Monday, July 14, 2014

Bell Labs recently hit the headlines for stealing a 10Gbit/s world-record speed over existing copper wires—setting the benchmark for ultra-broadband applications and solving the fibre-to-residence problem. This was two months after it celebrated a return to its original R&D business model.

Fibre cables for high-speed Internet services are being laid all throughout the country and world, but at a relatively slow rate due to the "curb-to-residence" problem. Many home owners are reluctant to let their lawns be dug up to lay fibre from the curb to the house, and many Internet providers are reluctant to incur the cost. Now Alcatel-Lucent's Bell Labs has invented a solution—a method of running 1Gbit/s to 10Gbit/s broadband signals from the curb to the residence using the existing copper telephone lines already there.

"Cost and time-to-market are the two of the biggest factors in bringing fibre to the home," Keith Russell, senior marketing manager for Alcatel-Lucent's Fixed Networks, told EE Times. "If you can imagine being an operator that is deploying and all fibre network they have to put new infrastructure into every unit. And as you put fibre into neighbourhoods there's a high cost to that, but when you get to the curb and try to get across their property—maybe digging up the lawn or going under the driveway—there is a lot of cost to that too. Even avoiding that last little bit by using copper deployment can save an operator a lot of time and money."

Bell Labs' broadband-over-copper technology, called XG-Fast, is an extension of the digital subscriber line (DSL) standard under development at the International Telegraph Union Telecommunication (ITU-T) standardisation group. Called G.fast, it is expected to deliver speeds of 200Mbit/s to 500Mbit/s. By the time G.fast is deployed circa 2015, Alcatel-Lucent hopes to have readied commercial versions of Bell Labs G.fast extension—XG-Fast—offering 1Gbit/s to 10Gbit/s speeds.
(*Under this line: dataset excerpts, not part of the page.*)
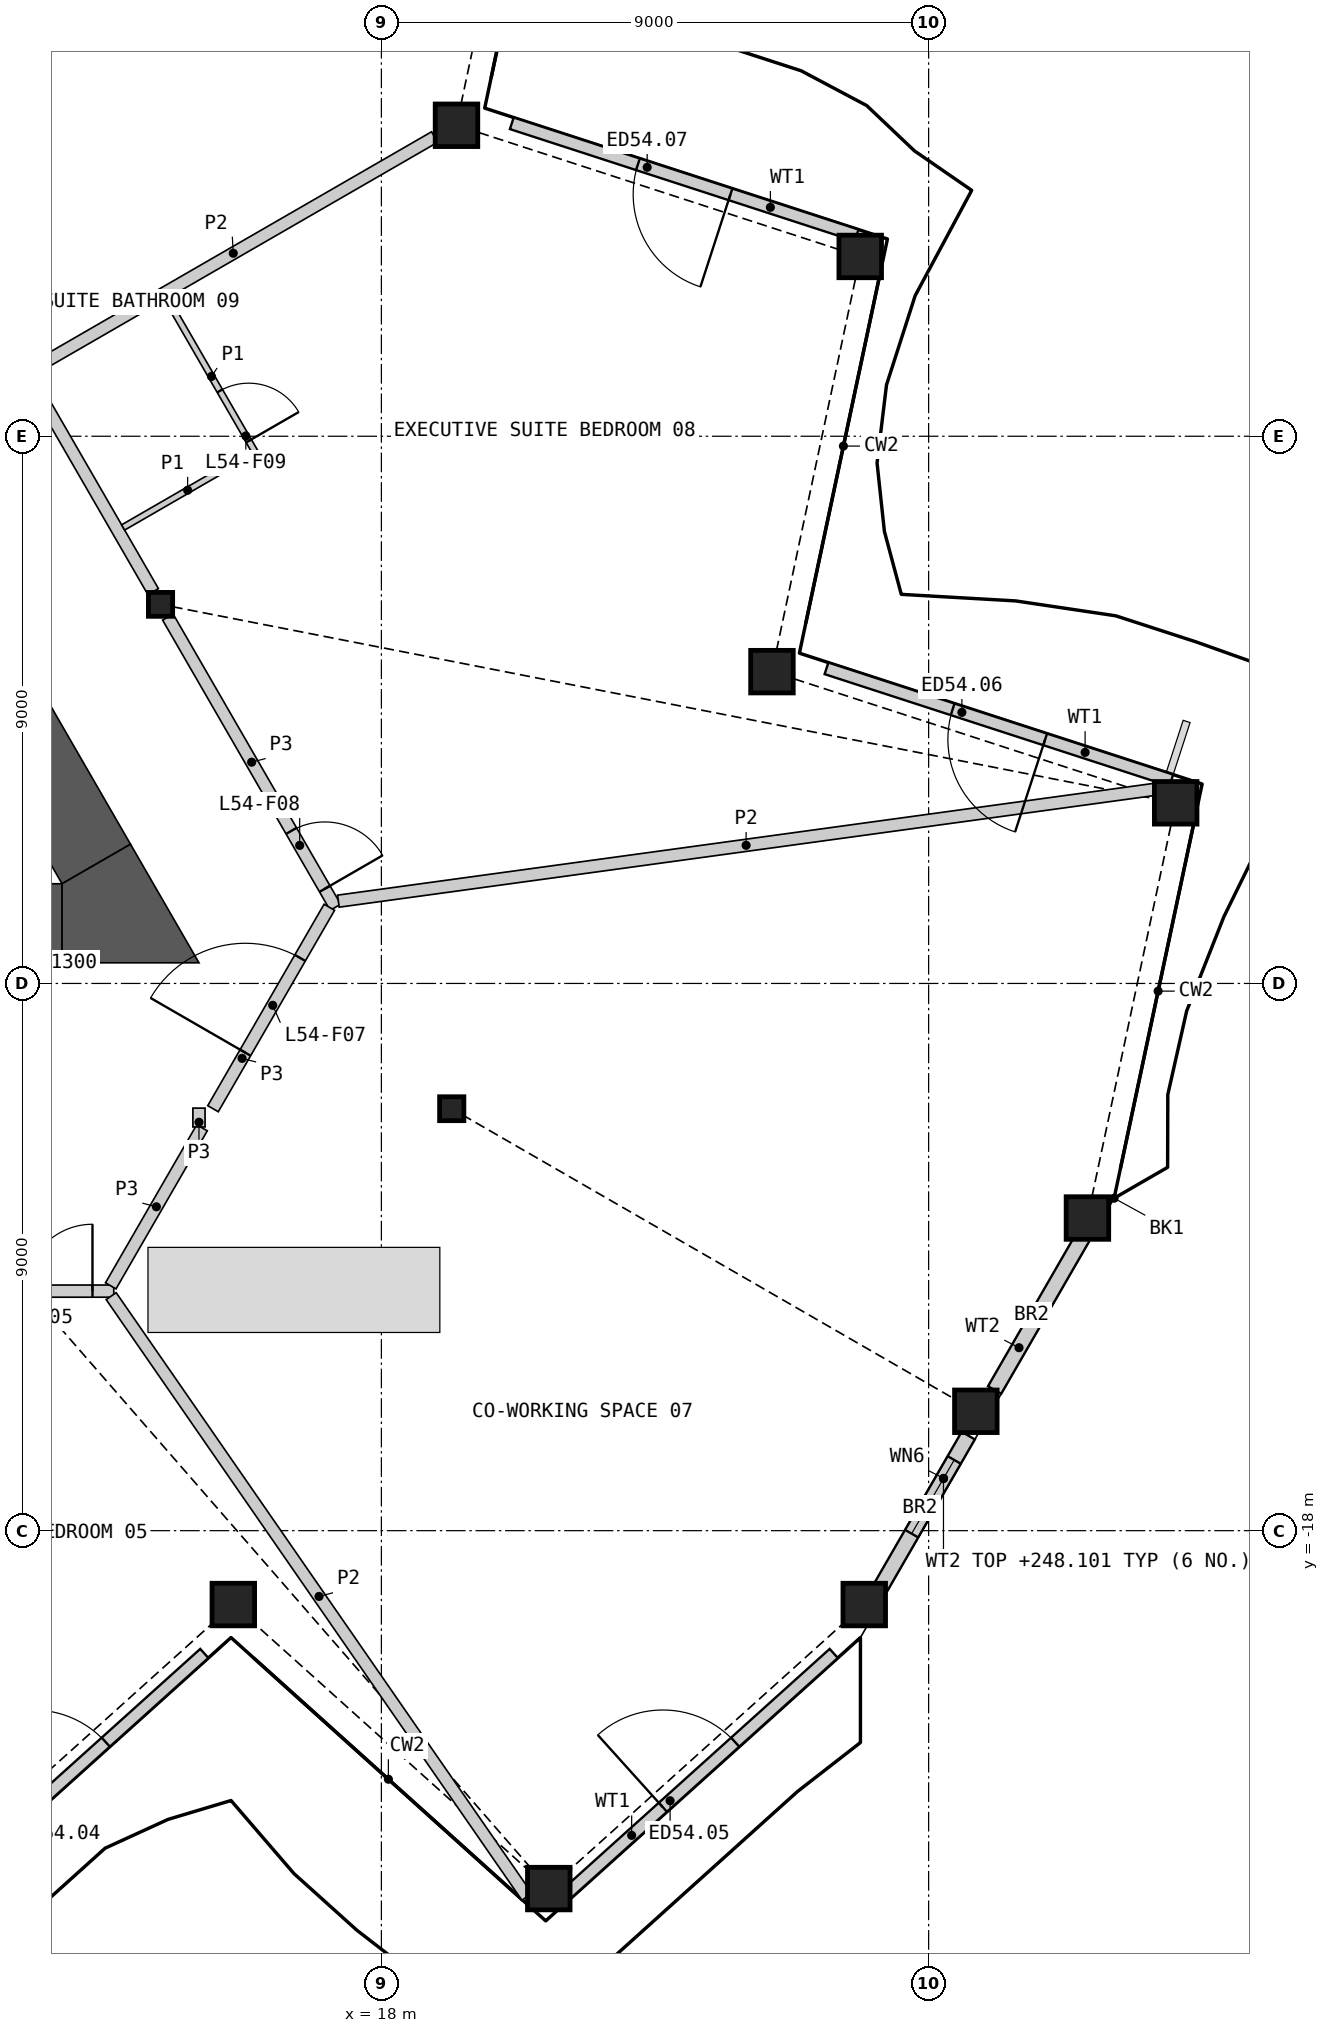
"""IFC4 building model, lengths in metres.
Left out: names, types, materials, properties, quantities, classifications, styles, units other than length and angle.
Written with IfcOpenShell. Run it as: python <this file> out.ifc"""

import sys

from ifc_helpers import new_model, si_unit, direction, frame, frame_2d, origin, origin_2d, place, context, subcontext, project, spatial, polyline, rectangle, hollow_rectangle, i_section, outline, extrude, element, fill, save


model = new_model("IFC4")
c1 = context("Model", 3, precision=1e-05, world=origin(), true_north=direction((0.0, 1.0)))
c2 = subcontext(c1, "Body", "Model", "MODEL_VIEW")
j1 = project(units=[si_unit("LENGTHUNIT", "METRE"), si_unit("PLANEANGLEUNIT", "RADIAN")], contexts=[c1])
p1 = place(None, origin())
s1 = spatial("IfcSite", under=j1, at=p1, CompositionType="ELEMENT")
p2 = place(p1, origin())
s2 = spatial("IfcBuilding", under=s1, at=p2, CompositionType="ELEMENT")
p3 = place(p2, frame((0.0, 0.0, 245.4)))
s3 = spatial("IfcBuildingStorey", under=s2, at=p3, CompositionType="ELEMENT", Elevation=245.4)
for number, where, z_axis, x_axis in (
    (1, (15.565, -19.215, 0.0), (0.0, 0.0, 1.0), (1.0, 0.0, 0.0)),
    (2, (20.753, -23.887, 0.0), (0.0, 0.0, 1.0), (1.0, 0.0, 0.0)),
    (3, (25.941, -19.215, 0.0), (0.0, 0.0, 1.0), (1.0, 0.0, 0.0)),
    (4, (27.776, -16.037, 0.0), (0.0, 0.0, 1.0), (1.0, 0.0, 0.0)),
    (5, (29.612, -12.858, 0.0), (0.0, 0.0, 1.0), (1.0, 0.0, 0.0)),
    (6, (31.063, -6.029, 0.0), (0.0, 0.0, 1.0), (1.0, 0.0, 0.0)),
    (7, (24.423, -3.872, 0.0), (0.0, 0.0, 1.0), (1.0, 0.0, 0.0)),
    (8, (25.875, 2.957, 0.0), (0.0, 0.0, 1.0), (1.0, 0.0, 0.0)),
    (9, (19.235, 5.115, 0.0), (0.0, 0.0, 1.0), (1.0, 0.0, 0.0)),
):
    element("IfcColumn", number, at=place(p3, frame(where, z_axis=z_axis, x_axis=x_axis)), inside=s3, PredefinedType="COLUMN", context=c2, shape_type="SweptSolid", body=[
        extrude(hollow_rectangle(XDim=0.7, YDim=0.7, WallThickness=0.045, at=origin_2d()), origin(), (0.0, 0.0, 1.0), 3.6),
    ])
for number, where, z_axis, x_axis in (
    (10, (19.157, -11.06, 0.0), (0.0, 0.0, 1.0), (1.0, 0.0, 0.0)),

Bell Labs also demonstrated the "holy grail" of broadband-over-copper—1Gbit/s symmetrical ultra-broadband access (allowing simultaneous uploads and downloads at 1Gbit/s per second).

The limitations of XG-Fast, however, are that the 10Gbit speed only for runs of 30m and requires bonding two copper pairs, whereas the 1Gbit/s speed requires only a single copper pair, but can provide symmetrical ultra-broadband access for over 70m, making it indistinguishable from Fibre-to-the-Home (FTTH).

Bell Labs' new XG-Fast carries broadband frequencies over copper from the curb to the residence at 1Gbit/s to 10Gbit/s broadband speeds.

XG-Fast offers its higher performance (over shorter distances) by upping the standard 106MHz frequency of G.fast, which gives it 500Mbit/s for 100m, to 500MHz, thus achieving 10Gbit/s speeds over 30m. The 1Gbit/s symmetrical speeds over 70m were achieved at a frequency of 350MHz.